On lap 3, he started to soften through the corners instead of motorcycling. On lap 4, he started to fill out both reins evenly, and then by the end of the lap, he had stretched into the outside rein and begun to soften. I called it quits. I dropped the reins, patted him, and we moved on to something else - walking the roads for a bit, then up the hills to get some quality muscle work time.

I've been reflecting on that ride since, in the same way I am turning everything over endlessly in other parts of my life. I think I've finally untangled something in my brain. See, Tristan is a more or less trained horse. Buried inside his brain and in his body are all the tools and memories necessary to put together a very good Training test that on a good day is schooling first. 

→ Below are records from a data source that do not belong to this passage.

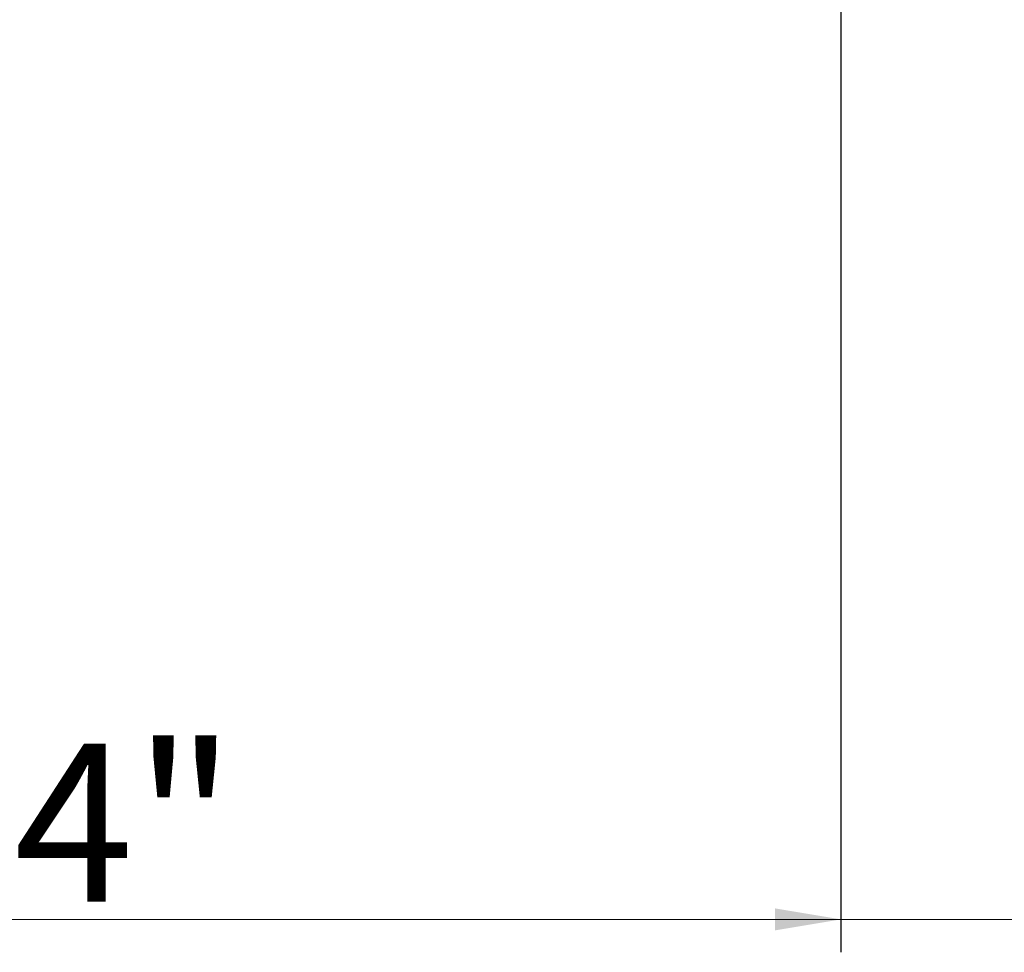
# Model space of a CAD drawing. Units: inches. Extents: x 2696 to 3240, y 1564 to 2310.
# Tile 2 of 76: x 2875 to 2912, y 1569 to 1604. Entities that reach past the tile are written whole.
import ezdxf

# ---------------------------------------------------------------- set-up
doc = ezdxf.new("R2010")
doc.units = ezdxf.units.IN
doc.layers.add('A-ANNO-DIMS', color=3, linetype='Continuous', lineweight=18)
doc.styles.add('TIMES NEW', font='times.ttf')
doc.dimstyles.new('Siddhuu', dxfattribs={"dimtxt": 6, "dimasz": 2.5, "dimexe": 1.25, "dimexo": 0.625, "dimtad": 1, "dimdec": 1, "dimlunit": 4, "dimtxsty": 'TIMES NEW', "dimcen": 2.5, "dimclrd": 256, "dimclre": 1, "dimclrt": 7, "dimadec": 0, "dimazin": 0, "dimtfac": 1, "dimtdec": 1, "dimtmove": 0, "dimatfit": 3, "dimfxl": 1, "dimtolj": 1, "dimlwd": -1, "dimarcsym": 0})

# ---------------------------------------------------------------- blocks, each defined once
blk = doc.blocks.new('*D57')
at = {"layer": 'A-ANNO-DIMS', "color": 1, "lineweight": -2, "transparency": 16777216}
for p, q in [((2754.611, 2018.576), (2754.611, 1568.951)), ((2956.709, 2018.576), (2956.709, 1568.951))]:
    blk.add_line(p, q, dxfattribs=at)
at = {"layer": 'A-ANNO-DIMS', "transparency": 16777216}
blk.add_line((2757.111, 1570.201), (2954.209, 1570.201), dxfattribs=at)
for points in [[(2757.111, 1570.618), (2757.111, 1569.784), (2754.611, 1570.201)], [(2954.209, 1570.618), (2954.209, 1569.784), (2956.709, 1570.201)]]:
    blk.add_solid(points, dxfattribs=at)
at = {"layer": 'Defpoints', "color": 0, "transparency": 16777216}
for p in [(2754.611, 2019.201), (2956.709, 2019.201), (2956.709, 1570.201)]:
    blk.add_point(p, dxfattribs=at)
at = {"layer": 'A-ANNO-DIMS', "color": 7, "transparency": 16777216, "insert": (2855.66, 1573.878), "char_height": 6, "attachment_point": 5, "style": 'TIMES NEW'}
blk.add_mtext('\\A1;16\'-10"', dxfattribs=at)
blk = doc.blocks.new('*D69')
at = {"layer": 'A-ANNO-DIMS', "color": 1, "lineweight": -2, "transparency": 16777216}
for p, q in [((2841.889, 2261.576), (2841.889, 1568.951)), ((2905.91, 2261.576), (2905.91, 1568.951))]:
    blk.add_line(p, q, dxfattribs=at)
at = {"layer": 'A-ANNO-DIMS', "transparency": 16777216}
blk.add_line((2844.389, 1570.201), (2903.41, 1570.201), dxfattribs=at)
for points in [[(2844.389, 1570.618), (2844.389, 1569.784), (2841.889, 1570.201)], [(2903.41, 1570.618), (2903.41, 1569.784), (2905.91, 1570.201)]]:
    blk.add_solid(points, dxfattribs=at)
at = {"layer": 'Defpoints', "color": 0, "transparency": 16777216}
for p in [(2841.889, 2262.201), (2905.91, 2262.201), (2905.91, 1570.201)]:
    blk.add_point(p, dxfattribs=at)
at = {"layer": 'A-ANNO-DIMS', "color": 7, "transparency": 16777216, "insert": (2873.9, 1573.878), "char_height": 6, "attachment_point": 5, "style": 'TIMES NEW'}
blk.add_mtext('\\A1;5\'-4"', dxfattribs=at)

msp = doc.modelspace()

# ---------------------------------------------------------------- dimensions: what is measured, and where the dimension line sits
at = {"layer": 'A-ANNO-DIMS'}
for base, p1, p2, picture, middle in [((2905.91, 1570.201), (2841.889, 2262.201), (2905.91, 2262.201), '*D69', (2873.9, 1573.878)), ((2956.709, 1570.201), (2754.611, 2019.201), (2956.709, 2019.201), '*D57', (2855.66, 1573.878))]:
    dim = msp.add_linear_dim(base=base, p1=p1, p2=p2, dimstyle='Siddhuu', override={"dimdec": 1, "dimlfac": 1, "dimrnd": 0, "dimzin": 1, "dimdsep": 46, "dimlunit": 4, "dimfrac": 2}, dxfattribs=at)
    dim.commit()
    dim.dimension.update_dxf_attribs({"geometry": picture, "text_midpoint": middle})

doc.saveas('drawing.dxf')

But that's not where or what he is right now. I can't swing a leg over and expect that horse. And I guess I have been: I've been putting him through a cursory warmup and then trying to school shoulder-in, or haunches in or canter transitions. These are all things he has schooled well in the past, and yeah, we've been sort of getting to them. Not well - not happily - not cooperatively - but the work has been produced.

Sometimes it's the right call to muscle through and get to the horse you know is inside. Not right now. Tristan needs to go back to the base of the pyramid, and that needs to be our only focus. Just because he has all the pieces of the pyramid doesn't mean I can just slap them together and zip up to the top.

So, tonight: rhythm. Short, sweet, 30 minutes focusing on a forward, elastic gait in the walk and trot and maybe in the canter. If we get it, our reward will be a taste of relaxation at the end. Then we repeat. It's a self-discipline thing. Just because I feel something in him does not mean I have to reach for it and drag it out. Just because I know what a balanced connected trot and canter feel like does not mean we have to get it tonight. Or the next night.

It's both humbling and frustrating to have to do this again, once more, for the millionth time. Tristan is 21, and he has been under saddle for 11 years now. I have been riding horses for 2/3 of my life. Back to the beginning we go.